Loss told the same story from the other side, sliding from roughly half a unit down to a few hundredths as the weights sharpened over each pass. The confusion matrix showed a strong diagonal, with rare mistakes landing where a human eye slips too.

| Matrix Size | Processor Path | Graphics Path | Speedup |
| ----------- | -------------- | ------------- | ------- |
| 256 × 256   | 5.8 ms         | 1.0 ms        | 5.8×    |
| 512 × 512   | 43 ms          | 1.0 ms        | 43×     |
| 1024 × 1024 | 7.3 s          | 57 ms         | 128×    |

Speed came from the graphics path, and it grew sharply with matrix size, so the big multiply that once crawled finished quicker.

> [!NOTE]
> Still experimental and scoped to one clean digit at a time, the exact trained weights behind this demo ship as a small model file of a few megabytes. Download the [live model](/projects/teaching-a-machine-to-read-digits-by-hand/demo-model.json), load it straight into the engine, and hand it a fresh image to read, so the same recognizer that scored on the test set runs on any machine with the runtime available.

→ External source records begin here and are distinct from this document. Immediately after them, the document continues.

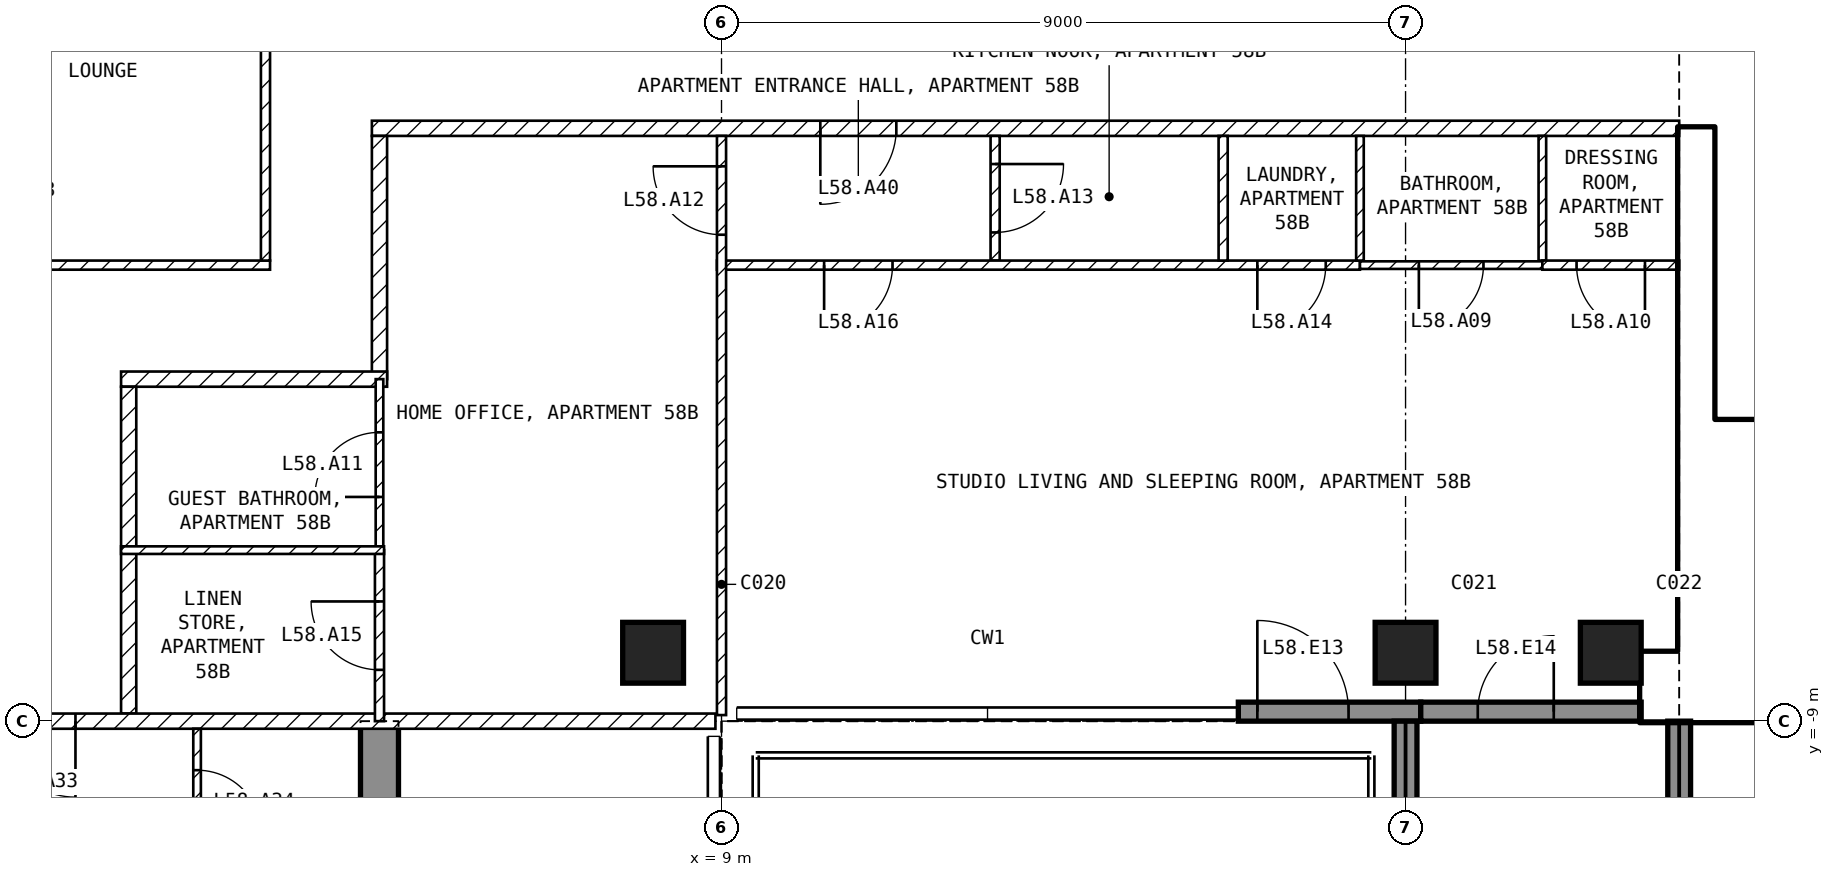
"""IFC4 building model, lengths in metres.
Left out: names, types, materials, properties, quantities, classifications, styles, units other than length and angle.
Written with IfcOpenShell. Run it as: python <this file> out.ifc"""

import sys

from ifc_helpers import new_model, si_unit, direction, frame, frame_2d, origin, origin_2d, place, context, subcontext, project, spatial, polyline, rectangle, outline, extrude, element, fill, save


model = new_model("IFC4")
c1 = context("Model", 3, precision=1e-05, world=origin(), true_north=direction((0.0, 1.0)))
c2 = subcontext(c1, "Body", "Model", "MODEL_VIEW")
j1 = project(units=[si_unit("LENGTHUNIT", "METRE"), si_unit("PLANEANGLEUNIT", "RADIAN")], contexts=[c1])
p1 = place(None, origin())
s1 = spatial("IfcSite", under=j1, at=p1, CompositionType="ELEMENT")
p2 = place(p1, origin())
s2 = spatial("IfcBuilding", under=s1, at=p2, CompositionType="ELEMENT")
p3 = place(p2, frame((0.0, 0.0, 232.5)))
s3 = spatial("IfcBuildingStorey", under=s2, at=p3, CompositionType="ELEMENT", Elevation=232.5)
for number, where, z_axis, x_axis in (
    (1, (8.1, -8.1, -0.25), (0.0, 0.0, 1.0), (1.0, 0.0, 0.0)),
    (2, (18.0, -8.1, -0.25), (0.0, 0.0, 1.0), (1.0, 0.0, 0.0)),
    (3, (20.7, -8.1, -0.25), (0.0, 0.0, 1.0), (1.0, 0.0, 0.0)),
):
    element("IfcColumn", number, at=place(p3, frame(where, z_axis=z_axis, x_axis=x_axis)), inside=s3, PredefinedType="COLUMN", context=c2, shape_type="SweptSolid", body=[
        extrude(rectangle(XDim=0.8, YDim=0.8, at=origin_2d()), origin(), (0.0, 0.0, 1.0), 3.5),
    ])
p4 = place(p3, frame((4.25, -16.7, -0.25), z_axis=(1.0, 0.0, 0.0), x_axis=(0.0, 1.0, 0.0)))
e4 = element("IfcWall", 4, at=p4, inside=s3, PredefinedType="SHEAR", context=c2, shape_type="SweptSolid", body=[
    extrude(outline(polyline([(0.0, 0.0), (3.2, 0.0), (3.2, 2.65), (5.6, 2.65), (5.6, 0.0), (7.7, 0.0), (7.7, 3.5), (0.0, 3.5), (0.0, 0.0)])), origin(), (0.0, 0.0, 1.0), 0.5),
])
p5 = place(p3, frame((15.8, -8.875, 0.0), z_axis=(0.0, 0.0, 1.0), x_axis=(1.0, 0.0, 0.0)))
e5 = element("IfcWall", 5, at=p5, inside=s3, PredefinedType="SOLIDWALL", context=c2, shape_type="SweptSolid", body=[
    extrude(rectangle(XDim=2.4, YDim=0.25, at=frame_2d((1.2, 0.0))), origin(), (0.0, 0.0, 1.0), 3.25),
])
p6 = place(p5, frame((0.25, 0.0, 0.0)))
e6 = element("IfcOpeningElement", 6, at=p6, cuts=e5, PredefinedType="OPENING", context=c2, shape_type="SweptSolid", body=[
    extrude(rectangle(XDim=1.2, YDim=2.4, at=frame_2d((0.6, 1.2))), frame((0.0, 0.135, 0.0), z_axis=(0.0, -1.0, 0.0), x_axis=(1.0, 0.0, 0.0)), (0.0, 0.0, 1.0), 0.27),
])
p7 = place(p3, frame((18.2, -8.875, 0.0), z_axis=(0.0, 0.0, 1.0), x_axis=(1.0, 0.0, 0.0)))
e7 = element("IfcWall", 7, at=p7, inside=s3, PredefinedType="SOLIDWALL", context=c2, shape_type="SweptSolid", body=[
    extrude(rectangle(XDim=2.9, YDim=0.25, at=frame_2d((1.45, 0.0))), origin(), (0.0, 0.0, 1.0), 3.25),
])
p8 = place(p7, frame((0.75, 0.0, 0.0)))
e8 = element("IfcOpeningElement", 8, at=p8, cuts=e7, PredefinedType="OPENING", context=c2, shape_type="SweptSolid", body=[
    extrude(rectangle(XDim=1.0, YDim=2.4, at=frame_2d((0.5, 1.2))), frame((0.0, 0.135, 0.0), z_axis=(0.0, -1.0, 0.0), x_axis=(1.0, 0.0, 0.0)), (0.0, 0.0, 1.0), 0.27),
])
p9 = place(p3, frame((18.0, -9.0, 0.0), z_axis=(0.0, 0.0, 1.0), x_axis=(0.0, -1.0, 0.0)))
e9 = element("IfcWall", 9, at=p9, inside=s3, PredefinedType="SOLIDWALL", context=c2, shape_type="SweptSolid", body=[
    extrude(rectangle(XDim=2.74, YDim=0.3, at=frame_2d((1.37, 0.0))), origin(), (0.0, 0.0, 1.0), 3.25),
])
p10 = place(p3, frame((21.6, -9.0, 0.0), z_axis=(0.0, 0.0, 1.0), x_axis=(0.0, -1.0, 0.0)))
e10 = element("IfcWall", 10, at=p10, inside=s3, PredefinedType="SOLIDWALL", context=c2, shape_type="SweptSolid", body=[
    extrude(rectangle(XDim=2.7, YDim=0.3, at=frame_2d((1.35, 0.0))), origin(), (0.0, 0.0, 1.0), 3.25),
])
p11 = place(p3, frame((21.1, -8.55, 0.0), z_axis=(0.0, 0.0, 1.0), x_axis=(1.0, 0.0, 0.0)))
e11 = element("IfcWall", 11, at=p11, inside=s3, PredefinedType="SHEAR", context=c2, shape_type="SweptSolid", body=[
    extrude(rectangle(XDim=9.1, YDim=0.9, at=frame_2d((4.55, 0.0))), origin(), (0.0, 0.0, 1.0), 3.25),
])
p12 = place(p3, frame((21.825, -8.1, 0.0), z_axis=(0.0, 0.0, 1.0), x_axis=(0.0, 1.0, 0.0)))
e12 = element("IfcWall", 12, at=p12, inside=s3, PredefinedType="SHEAR", context=c2, shape_type="SweptSolid", body=[
    extrude(rectangle(XDim=6.9, YDim=0.45, at=frame_2d((3.45, 0.0))), origin(), (0.0, 0.0, 1.0), 3.25),
])
p13 = place(p3, frame((22.05, -5.15, 0.0), z_axis=(0.0, 0.0, 1.0), x_axis=(1.0, 0.0, 0.0)))
e13 = element("IfcWall", 13, at=p13, inside=s3, PredefinedType="SOLIDWALL", context=c2, shape_type="SweptSolid", body=[
    extrude(rectangle(XDim=6.3, YDim=0.2, at=frame_2d((3.15, 0.0))), origin(), (0.0, 0.0, 1.0), 3.25),
])
p14 = place(p13, frame((0.2, 0.0, 0.0)))
e14 = element("IfcOpeningElement", 14, at=p14, cuts=e13, PredefinedType="OPENING", context=c2, shape_type="SweptSolid", body=[
    extrude(rectangle(XDim=1.0, YDim=2.1, at=frame_2d((0.5, 1.05))), frame((0.0, 0.11, 0.0), z_axis=(0.0, -1.0, 0.0), x_axis=(1.0, 0.0, 0.0)), (0.0, 0.0, 1.0), 0.22),
])
p15 = place(p3, frame((-3.06, -3.0, 0.0), z_axis=(0.0, 0.0, 1.0), x_axis=(1.0, 0.0, 0.0)))
e15 = element("IfcWall", 15, at=p15, inside=s3, PredefinedType="PARTITIONING", context=c2, shape_type="SweptSolid", body=[
    extrude(rectangle(XDim=6.12, YDim=0.12, at=frame_2d((3.06, 0.0))), origin(), (0.0, 0.0, 1.0), 3.25),
])
p16 = place(p3, frame((3.0, -2.94, 0.0), z_axis=(0.0, 0.0, 1.0), x_axis=(0.0, 1.0, 0.0)))
e16 = element("IfcWall", 16, at=p16, inside=s3, PredefinedType="PARTITIONING", context=c2, shape_type="SweptSolid", body=[
    extrude(rectangle(XDim=5.88, YDim=0.12, at=frame_2d((2.94, 0.0))), origin(), (0.0, 0.0, 1.0), 3.25),
])
p17 = place(p3, frame((21.6, -1.2, 0.0), z_axis=(0.0, 0.0, 1.0), x_axis=(-1.0, 0.0, 0.0)))
e17 = element("IfcWall", 17, at=p17, inside=s3, PredefinedType="PARTITIONING", context=c2, shape_type="SweptSolid", body=[
    extrude(rectangle(XDim=17.2, YDim=0.2, at=frame_2d((8.6, 0.0))), origin(), (0.0, 0.0, 1.0), 3.25),
])
p18 = place(p17, frame((10.3, 0.0, 0.0)))
e18 = element("IfcOpeningElement", 18, at=p18, cuts=e17, PredefinedType="OPENING", context=c2, shape_type="SweptSolid", body=[
    extrude(rectangle(XDim=1.0, YDim=2.1, at=frame_2d((0.5, 1.05))), frame((0.0, 0.11, 0.0), z_axis=(0.0, -1.0, 0.0), x_axis=(1.0, 0.0, 0.0)), (0.0, 0.0, 1.0), 0.22),
])
p19 = place(p3, frame((4.5, -1.3, 0.0), z_axis=(0.0, 0.0, 1.0), x_axis=(0.0, -1.0, 0.0)))
e19 = element("IfcWall", 19, at=p19, inside=s3, PredefinedType="PARTITIONING", context=c2, shape_type="SweptSolid", body=[
    extrude(rectangle(XDim=3.2, YDim=0.2, at=frame_2d((1.6, 0.0))), origin(), (0.0, 0.0, 1.0), 3.25),
])
p20 = place(p3, frame((4.6, -4.5, 0.0), z_axis=(0.0, 0.0, 1.0), x_axis=(-1.0, 0.0, 0.0)))
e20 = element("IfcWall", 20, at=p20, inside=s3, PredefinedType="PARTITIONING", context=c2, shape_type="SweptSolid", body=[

|                                                           Training Run                                                            |                                                             Reading a Seven                                                             |                                                             Reading a Two                                                             |
| :-------------------------------------------------------------------------------------------------------------------------------: | :-------------------------------------------------------------------------------------------------------------------------------------: | :-----------------------------------------------------------------------------------------------------------------------------------: |
| ![Training loss falling and accuracy rising across passes](/projects/teaching-a-machine-to-read-digits-by-hand/image-demo-1.webp) | ![The model reading a handwritten seven and naming it correctly](/projects/teaching-a-machine-to-read-digits-by-hand/image-demo-2.webp) | ![The model reading a handwritten two and naming it correctly](/projects/teaching-a-machine-to-read-digits-by-hand/image-demo-3.webp) |

## Speed Has a Threshold

Graphics hardware only pays off past a certain size, so the smallest layers actually ran faster on the plain processor path here.

That threshold shaped every later decision about where to send the work. Tiny matrices carry too much setup cost on the graphics side, since moving data across and launching a shader eats any gain, while a large multiply hides that cost under the sheer volume of arithmetic it does. Knowing where the line sits let the engine pick the right path for each shape it met.

Proving real learning also demanded more than a single accuracy number alone. A confusion matrix and a held-out test set turned a vague claim into real evidence, showing not just how often the model was right but exactly where it stumbled and why.

## A Model Worth Keeping

Bare arithmetic grew, step by careful step, into something that reads a handwritten number and answers with steady confidence.

What began as a pile of matrix routines now stacks into layers, trains against real data, and leans on the graphics card when the work runs heavy. Every stage stayed readable, so the path from a raw pixel to a named digit stays clear the whole way.

The result stays honest about its limits, reading one clean digit at a time while the heavier sequence and language side stays experimental and has yet to converge. Lighter models get trained often, the same code runs across many kinds of graphics hardware, and the aim keeps reaching for the best this language allows. Trained weights save and load in one small file.